Beyond that relatively high level theoretical lesson, it is reasonable to expect a set of changes in various practical policy applications. Here are the ones where, I predict, we will see the most notable and significant changes:
- The entire European project of free travel is under grave pressure and may soon crumble. If it does that would be very unfortunate. At the core of Europe lie two significant successes: the free flow of goods in a common market and the free flow of travel in an open system known as the Schengen system. That has always been somewhat suspect. It, in effect, made the travel security of each country subject to the success of the least successful state border agency. The European border agency, Frontex, has virtually no real authority – it is a coordinating organization that calls upon member state support for its operations. In a way that is very reminiscent of their recent economic problems (a common currency without a centralized financial system) the Europeans never had a centralized border approach but they had a common travel market. That market came under grave pressure this year with the flood of Syrian refugees. I fear that the apparent ease with which the Paris terrorists entered and left Europe will only increase that pressure. We may, just may, see greater centralization, but my guess is that we will seen the gradual reinstitution of border controls.
- Similarly, we are going to see significant pressure on American travel rules. Today, many Europeans travel to the US without visas in something known as the Visa Waiver Program. My own view is that the VWP actually has greater security benefits than traditional visa interviews – member countries share terrorist and criminal information with the US for data-based background checks. But there are some in the US (led, surprisingly, by Senator Diane Feinstein) who see VWP as a security vulnerability. Expect renewed efforts to tighten the program or eliminate it all together. Expect, as well, demands for other enhanced screening measures on international arrivals.
- We are already seeing the strum and drang about refugees. As one who worked in the refugee admission program, I would counsel caution in overreacting. Admission as a refugee to the United States is a demanding process. Most of the people in the pipeline to come here today entered it even before ISIS existed. If I were trying to sneak into the US, I wouldn’t use the refugee program – I’d travel to Mexico and hire someone to walk me across the border. Nonetheless, as the House vote the other day suggests, there will be at a minimum a tightening of the program’s criteria.
- As others have noted, I think the Paris attacks are likely to transform the information sharing/big data/privacy debate on both sides of the Atlantic. One thing I look for is a very quick resolution of the pending US/EU agreement for law enforcement information sharing. We may even see the Europeans yield somewhat on the Safe Harbor controversy. Whatever else comes of this, I think that for a while at least the privacy-protective arguments in Europe will weaken.
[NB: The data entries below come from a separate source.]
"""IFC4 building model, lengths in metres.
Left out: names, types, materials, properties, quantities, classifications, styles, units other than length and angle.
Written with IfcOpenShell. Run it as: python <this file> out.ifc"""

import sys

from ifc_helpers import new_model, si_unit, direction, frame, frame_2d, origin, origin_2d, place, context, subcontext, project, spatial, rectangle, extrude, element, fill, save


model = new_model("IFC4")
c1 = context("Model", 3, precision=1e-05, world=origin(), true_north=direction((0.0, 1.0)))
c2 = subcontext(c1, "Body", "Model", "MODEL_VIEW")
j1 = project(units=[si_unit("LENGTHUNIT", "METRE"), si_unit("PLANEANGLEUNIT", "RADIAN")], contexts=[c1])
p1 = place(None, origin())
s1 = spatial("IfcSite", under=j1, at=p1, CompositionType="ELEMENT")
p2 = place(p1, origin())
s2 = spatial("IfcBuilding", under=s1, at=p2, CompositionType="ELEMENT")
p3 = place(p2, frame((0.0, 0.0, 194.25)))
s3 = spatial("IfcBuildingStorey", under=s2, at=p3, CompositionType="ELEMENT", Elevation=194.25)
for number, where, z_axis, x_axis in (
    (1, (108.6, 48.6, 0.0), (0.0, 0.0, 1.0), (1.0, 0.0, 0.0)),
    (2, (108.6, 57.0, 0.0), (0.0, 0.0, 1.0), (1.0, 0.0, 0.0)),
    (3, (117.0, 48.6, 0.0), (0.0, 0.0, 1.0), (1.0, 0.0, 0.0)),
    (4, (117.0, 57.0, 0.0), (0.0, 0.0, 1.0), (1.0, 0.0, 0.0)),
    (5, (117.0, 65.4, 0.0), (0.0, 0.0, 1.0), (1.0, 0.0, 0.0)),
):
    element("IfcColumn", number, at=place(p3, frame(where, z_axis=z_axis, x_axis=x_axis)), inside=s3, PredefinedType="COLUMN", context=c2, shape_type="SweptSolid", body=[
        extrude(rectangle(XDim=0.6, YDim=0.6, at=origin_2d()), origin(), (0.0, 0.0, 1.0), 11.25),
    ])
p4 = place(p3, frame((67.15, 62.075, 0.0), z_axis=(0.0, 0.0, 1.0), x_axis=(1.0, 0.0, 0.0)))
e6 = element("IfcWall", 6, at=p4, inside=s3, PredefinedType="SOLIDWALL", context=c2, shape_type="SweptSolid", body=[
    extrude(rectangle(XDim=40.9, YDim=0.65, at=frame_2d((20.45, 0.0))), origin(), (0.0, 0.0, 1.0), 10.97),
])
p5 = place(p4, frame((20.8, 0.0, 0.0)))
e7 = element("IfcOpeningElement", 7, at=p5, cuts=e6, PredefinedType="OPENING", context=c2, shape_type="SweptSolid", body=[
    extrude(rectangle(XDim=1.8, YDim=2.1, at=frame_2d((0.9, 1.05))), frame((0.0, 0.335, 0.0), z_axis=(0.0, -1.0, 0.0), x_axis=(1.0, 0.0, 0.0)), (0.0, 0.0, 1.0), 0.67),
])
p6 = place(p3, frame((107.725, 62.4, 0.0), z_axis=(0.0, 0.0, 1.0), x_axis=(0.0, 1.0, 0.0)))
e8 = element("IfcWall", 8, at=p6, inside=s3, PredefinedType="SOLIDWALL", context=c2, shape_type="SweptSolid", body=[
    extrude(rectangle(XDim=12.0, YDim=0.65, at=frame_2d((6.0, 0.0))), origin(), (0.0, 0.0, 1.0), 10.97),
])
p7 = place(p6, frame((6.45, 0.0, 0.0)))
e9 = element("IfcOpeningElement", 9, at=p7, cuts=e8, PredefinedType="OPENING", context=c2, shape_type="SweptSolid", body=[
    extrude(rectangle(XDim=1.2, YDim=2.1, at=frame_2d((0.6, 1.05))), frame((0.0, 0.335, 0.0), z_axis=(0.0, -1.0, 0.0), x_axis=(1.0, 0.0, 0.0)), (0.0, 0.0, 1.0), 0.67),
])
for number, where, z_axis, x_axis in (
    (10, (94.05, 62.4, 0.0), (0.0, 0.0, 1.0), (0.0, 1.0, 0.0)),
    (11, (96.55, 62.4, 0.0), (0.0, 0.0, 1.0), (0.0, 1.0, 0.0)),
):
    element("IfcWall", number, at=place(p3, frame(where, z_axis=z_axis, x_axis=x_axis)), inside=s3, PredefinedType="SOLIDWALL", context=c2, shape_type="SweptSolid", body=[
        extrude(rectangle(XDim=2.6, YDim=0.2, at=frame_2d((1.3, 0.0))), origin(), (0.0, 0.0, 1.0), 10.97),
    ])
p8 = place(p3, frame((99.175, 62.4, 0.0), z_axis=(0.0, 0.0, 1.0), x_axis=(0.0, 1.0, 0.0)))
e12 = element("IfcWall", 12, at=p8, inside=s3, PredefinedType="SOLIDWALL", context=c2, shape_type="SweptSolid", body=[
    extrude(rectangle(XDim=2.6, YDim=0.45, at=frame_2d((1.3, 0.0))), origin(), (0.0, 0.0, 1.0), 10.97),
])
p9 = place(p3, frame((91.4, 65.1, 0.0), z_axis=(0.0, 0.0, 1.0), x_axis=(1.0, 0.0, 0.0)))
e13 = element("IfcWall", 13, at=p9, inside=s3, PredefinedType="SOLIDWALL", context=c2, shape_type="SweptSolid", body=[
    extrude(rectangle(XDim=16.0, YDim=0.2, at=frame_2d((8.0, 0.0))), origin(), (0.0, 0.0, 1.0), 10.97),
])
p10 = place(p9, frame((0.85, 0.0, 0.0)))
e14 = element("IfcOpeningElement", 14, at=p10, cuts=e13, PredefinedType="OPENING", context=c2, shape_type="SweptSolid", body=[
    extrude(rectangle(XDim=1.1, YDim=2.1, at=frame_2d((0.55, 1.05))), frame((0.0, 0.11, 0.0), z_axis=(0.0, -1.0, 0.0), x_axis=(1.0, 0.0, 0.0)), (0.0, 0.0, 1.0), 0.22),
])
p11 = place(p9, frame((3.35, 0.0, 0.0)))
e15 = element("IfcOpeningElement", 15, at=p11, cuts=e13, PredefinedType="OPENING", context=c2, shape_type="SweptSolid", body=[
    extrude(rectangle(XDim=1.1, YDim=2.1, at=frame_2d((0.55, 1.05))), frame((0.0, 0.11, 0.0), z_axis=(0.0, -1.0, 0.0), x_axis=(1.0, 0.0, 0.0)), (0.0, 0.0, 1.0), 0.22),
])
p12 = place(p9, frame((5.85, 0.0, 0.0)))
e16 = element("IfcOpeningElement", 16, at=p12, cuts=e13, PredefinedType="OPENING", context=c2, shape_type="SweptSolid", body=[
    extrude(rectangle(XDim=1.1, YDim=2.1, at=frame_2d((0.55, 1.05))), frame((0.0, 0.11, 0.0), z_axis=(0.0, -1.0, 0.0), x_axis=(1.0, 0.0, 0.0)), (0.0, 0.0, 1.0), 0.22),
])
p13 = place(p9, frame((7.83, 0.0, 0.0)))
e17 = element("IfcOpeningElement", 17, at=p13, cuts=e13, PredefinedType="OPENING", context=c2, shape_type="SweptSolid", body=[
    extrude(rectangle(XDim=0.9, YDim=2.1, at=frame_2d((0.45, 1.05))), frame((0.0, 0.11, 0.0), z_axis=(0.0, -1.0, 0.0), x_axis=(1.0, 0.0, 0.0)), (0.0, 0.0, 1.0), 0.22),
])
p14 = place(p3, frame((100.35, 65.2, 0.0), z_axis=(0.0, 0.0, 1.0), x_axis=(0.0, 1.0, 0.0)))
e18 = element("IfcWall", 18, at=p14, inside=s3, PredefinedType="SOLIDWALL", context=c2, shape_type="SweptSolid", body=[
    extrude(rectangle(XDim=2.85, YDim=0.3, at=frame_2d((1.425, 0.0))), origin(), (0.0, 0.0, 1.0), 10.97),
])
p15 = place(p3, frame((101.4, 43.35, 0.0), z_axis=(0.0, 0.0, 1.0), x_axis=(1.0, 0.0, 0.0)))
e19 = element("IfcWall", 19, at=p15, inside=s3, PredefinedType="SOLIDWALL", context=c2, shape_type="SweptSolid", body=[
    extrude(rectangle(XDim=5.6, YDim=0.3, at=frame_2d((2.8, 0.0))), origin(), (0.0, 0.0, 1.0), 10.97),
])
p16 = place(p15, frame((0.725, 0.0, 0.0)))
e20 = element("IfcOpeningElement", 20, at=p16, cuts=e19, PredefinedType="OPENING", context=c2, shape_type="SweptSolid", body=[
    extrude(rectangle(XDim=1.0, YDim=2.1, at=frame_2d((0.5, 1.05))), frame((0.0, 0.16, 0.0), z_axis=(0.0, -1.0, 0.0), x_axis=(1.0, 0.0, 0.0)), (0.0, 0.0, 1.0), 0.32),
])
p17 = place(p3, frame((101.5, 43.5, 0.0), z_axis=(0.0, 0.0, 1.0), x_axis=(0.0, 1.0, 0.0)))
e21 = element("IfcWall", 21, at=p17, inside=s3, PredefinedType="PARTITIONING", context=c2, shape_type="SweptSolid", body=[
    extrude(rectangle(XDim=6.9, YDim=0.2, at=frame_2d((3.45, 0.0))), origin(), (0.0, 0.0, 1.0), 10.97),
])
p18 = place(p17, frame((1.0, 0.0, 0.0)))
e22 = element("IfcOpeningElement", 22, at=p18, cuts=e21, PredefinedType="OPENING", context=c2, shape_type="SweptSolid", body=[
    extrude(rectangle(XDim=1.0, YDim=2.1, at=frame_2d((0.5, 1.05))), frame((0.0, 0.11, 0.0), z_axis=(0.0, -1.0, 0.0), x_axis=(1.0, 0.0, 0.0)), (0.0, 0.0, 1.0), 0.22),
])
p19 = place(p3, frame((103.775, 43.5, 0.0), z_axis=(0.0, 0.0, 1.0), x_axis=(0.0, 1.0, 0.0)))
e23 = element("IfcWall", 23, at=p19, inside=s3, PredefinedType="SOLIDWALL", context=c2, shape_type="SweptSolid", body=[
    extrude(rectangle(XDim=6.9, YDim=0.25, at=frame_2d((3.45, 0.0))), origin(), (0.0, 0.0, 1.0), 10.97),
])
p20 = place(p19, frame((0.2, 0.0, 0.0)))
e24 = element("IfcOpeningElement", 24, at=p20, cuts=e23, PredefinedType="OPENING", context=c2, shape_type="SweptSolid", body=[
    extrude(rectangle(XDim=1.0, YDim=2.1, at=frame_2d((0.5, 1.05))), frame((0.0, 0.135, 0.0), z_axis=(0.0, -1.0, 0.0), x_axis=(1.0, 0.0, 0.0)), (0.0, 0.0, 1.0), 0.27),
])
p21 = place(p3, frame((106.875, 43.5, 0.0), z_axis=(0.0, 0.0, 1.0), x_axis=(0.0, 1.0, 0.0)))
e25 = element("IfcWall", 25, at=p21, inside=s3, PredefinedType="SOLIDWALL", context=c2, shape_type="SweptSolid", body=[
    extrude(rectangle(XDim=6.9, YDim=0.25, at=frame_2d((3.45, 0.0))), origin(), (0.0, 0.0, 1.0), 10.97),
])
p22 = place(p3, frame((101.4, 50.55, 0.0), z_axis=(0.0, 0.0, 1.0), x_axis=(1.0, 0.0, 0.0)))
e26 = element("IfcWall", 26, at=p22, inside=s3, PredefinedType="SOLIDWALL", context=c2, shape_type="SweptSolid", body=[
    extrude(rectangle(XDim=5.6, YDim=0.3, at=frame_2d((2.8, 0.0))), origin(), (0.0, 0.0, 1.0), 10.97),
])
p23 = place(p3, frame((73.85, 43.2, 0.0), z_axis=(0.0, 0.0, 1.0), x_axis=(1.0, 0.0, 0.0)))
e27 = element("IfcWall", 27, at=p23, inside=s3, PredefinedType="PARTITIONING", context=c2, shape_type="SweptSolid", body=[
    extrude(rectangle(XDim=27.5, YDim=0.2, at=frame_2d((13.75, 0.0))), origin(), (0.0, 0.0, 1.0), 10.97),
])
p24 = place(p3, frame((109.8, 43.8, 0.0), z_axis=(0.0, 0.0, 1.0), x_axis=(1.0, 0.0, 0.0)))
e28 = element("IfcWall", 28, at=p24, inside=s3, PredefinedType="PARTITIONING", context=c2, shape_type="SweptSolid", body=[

- In particular, it seems to me that Europe is going to be forced to confront the tension between privacy and security more directly. Today, for many reasons, there are significant limits on information sharing across the continent. European law enforcement don’t have access to European border databases. The European Parliament has slow rolled a Commission proposal to track travel of passengers to and from the European Union. The Schengen Information System is limited in what it may collect and share … And so on. At each turn, as a privacy protection, the Europeans have erected significant information flow barriers. We will see if that changes in the next few weeks and months.
- Finally on encryption -- As Wired reported the other day, the encryption question may actually become part of the national Presidential debate. If it does, then it will be impossible to predict how the matter will play out. I stand by the view that, until someone shows me otherwise, encryption back doors will be unwise as a technical matter – but technical requirements are often subsumed within the political debate.